# Need to find a manufacturer - Help!



## Needsomehelp (Feb 8, 2018)

Hey!
This is my first time using a forum, so apologies in advance.

I need help finding the manufacturer of a steel braided toilet supply line. 

The markings on the line are: UPC CHINA J IA

But I cannot match it to anything... Has anyone encountered this marking before?

HELP PLEASE! :surprise: Pictures are attached.


----------



## fixitright (Jan 5, 2012)

Why do I think this may be brutal?


----------



## chonkie (Jul 31, 2014)

Ung Ping Chao is the manufacturer, hence thw UPC stamp, unfortunately you need to go to china or get them from a website from there.


----------



## Tango (Jan 13, 2018)

UPC on the picture stands for :

UNITED PLUMBERS of CHINA


----------



## Tommy plumber (Feb 19, 2010)

chonkie said:


> Ung Ping Chao is the manufacturer, hence thw UPC stamp, unfortunately you need to go to china or get them from a website from there.


 










The actual manufacturer is either: Hoo flung dung or cum of sum yung guy. 

But be a hero and put in a rigid chrome-plated copper W/C supply line. And make the fancy 45 degree bends in it with a Ridgid tubing bender.


----------



## Debo22 (Feb 15, 2015)

Manufacturer is Phuc Yu plumbing


----------



## OpenSights (Mar 23, 2015)

I apologize for my plumber brothers. The company who manufactures that supply is Mee Hung Lo.


----------



## Tango (Jan 13, 2018)

OpenSights said:


> I apologize for my plumber brothers. The company who manufactures that supply is Mee Hung Lo.

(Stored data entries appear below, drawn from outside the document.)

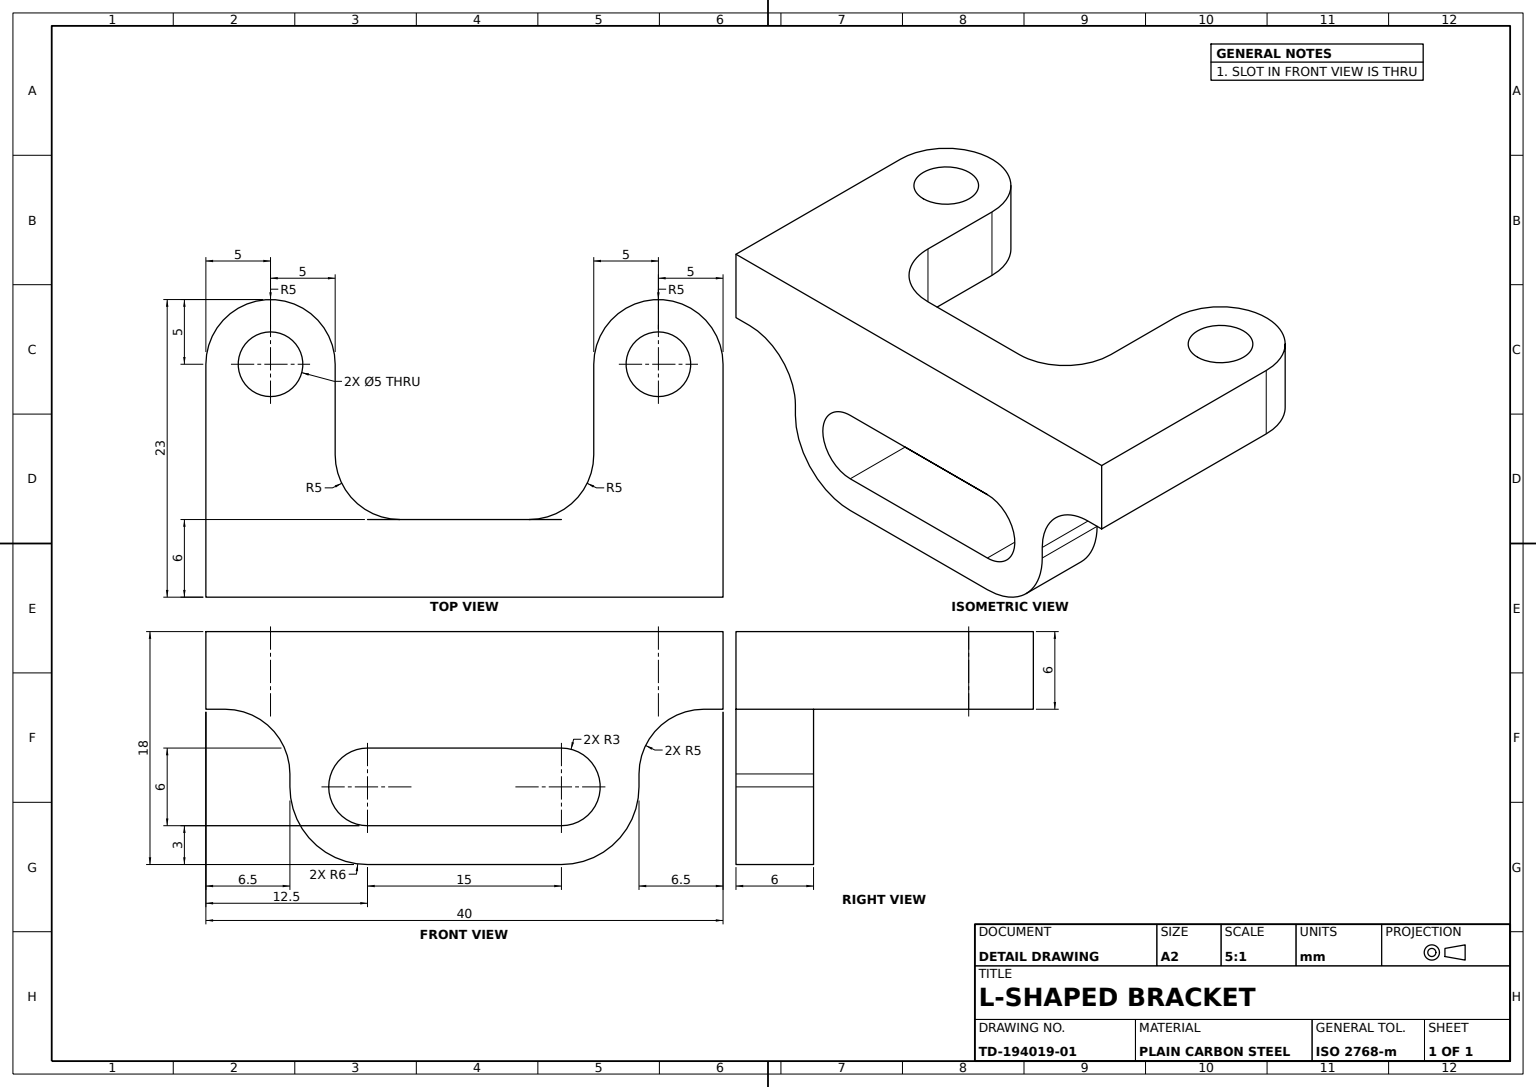
SolidWorks part; units mm, degrees
material "Plain Carbon Steel"
ref_plane "Front Plane" through (0, 0, 0) normal (0, 0, 1) x (1, 0, 0)
ref_plane "Top Plane" through (0, 0, 0) normal (0, 1, 0) x (1, 0, 0)
ref_plane "Right Plane" through (0, 0, 0) normal (1, 0, 0) x (0, 0, -1)
sketch "U Bracket Profile Sketch" plane through (0, 0, 0) normal (0, 0, 1) x (1, 0, 0)
  line L0 (0, 0) -> (40, 0)
  line L1 (40, 0) -> (40, -6)
  line L2 (0, 0) -> (0, -6)
  line L9 (6.5, -12) -> (6.5, -11)
  line L10 (33.5, -12) -> (33.5, -11)
  line L11 (12.5, -18) -> (27.5, -18)
  line L12 (0, -6) -> (1.5, -6)
  line L15 (40, -6) -> (38.5, -6)
  arc A2 (27.5, -18) -> (33.5, -12) centre (27.5, -12) ccw
  arc A3 (6.5, -12) -> (12.5, -18) centre (12.5, -12) ccw
  arc A4 (6.5, -11) -> (1.5, -6) centre (1.5, -11) ccw
  arc A5 (38.5, -6) -> (33.5, -11) centre (38.5, -11) ccw
  dimension "D1" = 5
  dimension "D2" = 5
  dimension "D5" = 5
  dimension "D6" = 6
  dimension "D9" = 6
  dimension "D3" = 18
  dimension "D4" = 6
  dimension "D7" = 12.5
  dimension "D8" = 40
  dimension "D10" = 12.5
extrude "U Bracket Base" add sketch "U Bracket Profile Sketch" along normal blind 6
sketch "Slotted Tab Sketch" plane through (0, 0, 0) normal (0, 1, 0) x (1, 0, 0)
  line L4 (0, 12) -> (0, 0)
  line L5 (40, 12) -> (40, 0)
  line L6 (0, 0) -> (15, 0)
  line L8 (25, 0) -> (40, 0)
  line L9 (10, 12) -> (10, 5)
  line L10 (30, 12) -> (30, 5)
  arc A0 (10, 12) -> (0, 12) centre (5, 12) ccw
  arc A1 (40, 12) -> (30, 12) centre (35, 12) ccw
  arc A2 (25, 0) -> (30, 5) centre (25, 5) ccw
  arc A3 (15, 0) -> (10, 5) centre (15, 5) cw
  point P0 (35, 17)
  dimension "D1" = 5
  dimension "D2" = 5
  dimension "D3" = 5
  dimension "D6" = 5
  dimension "D4" = 12
  dimension "D5" = 15
  dimension "D7" = 17
  dimension "D8" = 7
  dimension "D9" = 5
  dimension "D10" = 15
  dimension "D11" = 40
extrude "Slotted Tab" add sketch "Slotted Tab Sketch" against normal blind 6
sketch "Mounting Holes Sketch" plane through (0, -6, 0) normal (0, -1, 0) x (1, 0, 0)
  circle A0 centre (5, -12) radius 2.5
  circle A1 centre (35, -12) radius 2.5
  dimension "D1" = 5
extrude "Mounting Holes 2x" cut sketch "Mounting Holes Sketch" against normal blind 6
sketch "Tab Slot Sketch" plane through (0, 0, 0) normal (0, 0, -1) x (-1, 0, 0)
  line L0 (-15, -6) -> (-15, 0) construction
  line L1 (-25, 0) -> (-15, 0) construction
  line L4 (-27.5, -9) -> (-12.5, -9)
  line L6 (-12.5, -15) -> (-27.5, -15)
  arc A0 (-27.5, -9) -> (-27.5, -15) centre (-27.5, -12) ccw
  arc A1 (-12.5, -15) -> (-12.5, -9) centre (-12.5, -12) ccw
  dimension "D1" = 3
  dimension "D2" = 2.5
  dimension "D3" = 12.5
  dimension "D4" = 12
extrude "Tab Slot" cut sketch "Tab Slot Sketch" against normal blind 6

 :vs_rightHere: <---- Right here says the squirrel! What the hell we even have an emoji for that!


----------



## rwh (Dec 17, 2014)

Krem of sum yong gai


----------



## DDial (Dec 4, 2017)

Needsomehelp said:


> Hey!
> This is my first time using a forum, so apologies in advance.
> 
> I need help finding the manufacturer of a steel braided toilet supply line.
> ...



Dude...Its a braided supply line...C'MON MAN


----------



## 5onthefloor (Sep 13, 2017)

I just drove into a wall reading these posts...

Sent from my SM-G930V using Tapatalk


----------



## chonkie (Jul 31, 2014)

DDial said:


> Dude...Its a ?????? line...C'MON MAN


Fixed it for ya! Ya know, in case you didn't realize what we're doing here.


----------



## Tango (Jan 13, 2018)

DDial said:


> Dude...Its a braided supply line...C'MON MAN


He thinks they are so awesome that he wants to order 10 000 of these! 


Reminds me one time I was getting supply parts and this asian guy both arms filled with random parts was asking a million questions to the clerk to fix, I mean Macgyver his plumbing problem. The clerk couldn't help him. I gave him my business card, you should of seen his perplexed face all contorted! He then left all confused.

Now saying that story I realize I never got to work for an asian. Hmmm I presume every single one of them is very good at doing their own plumbing?


----------



## chonkie (Jul 31, 2014)

Lol, seen that before at home depot. I just stand back, listen, and laugh while shaking my head. I don't even get involved in those situations anymore.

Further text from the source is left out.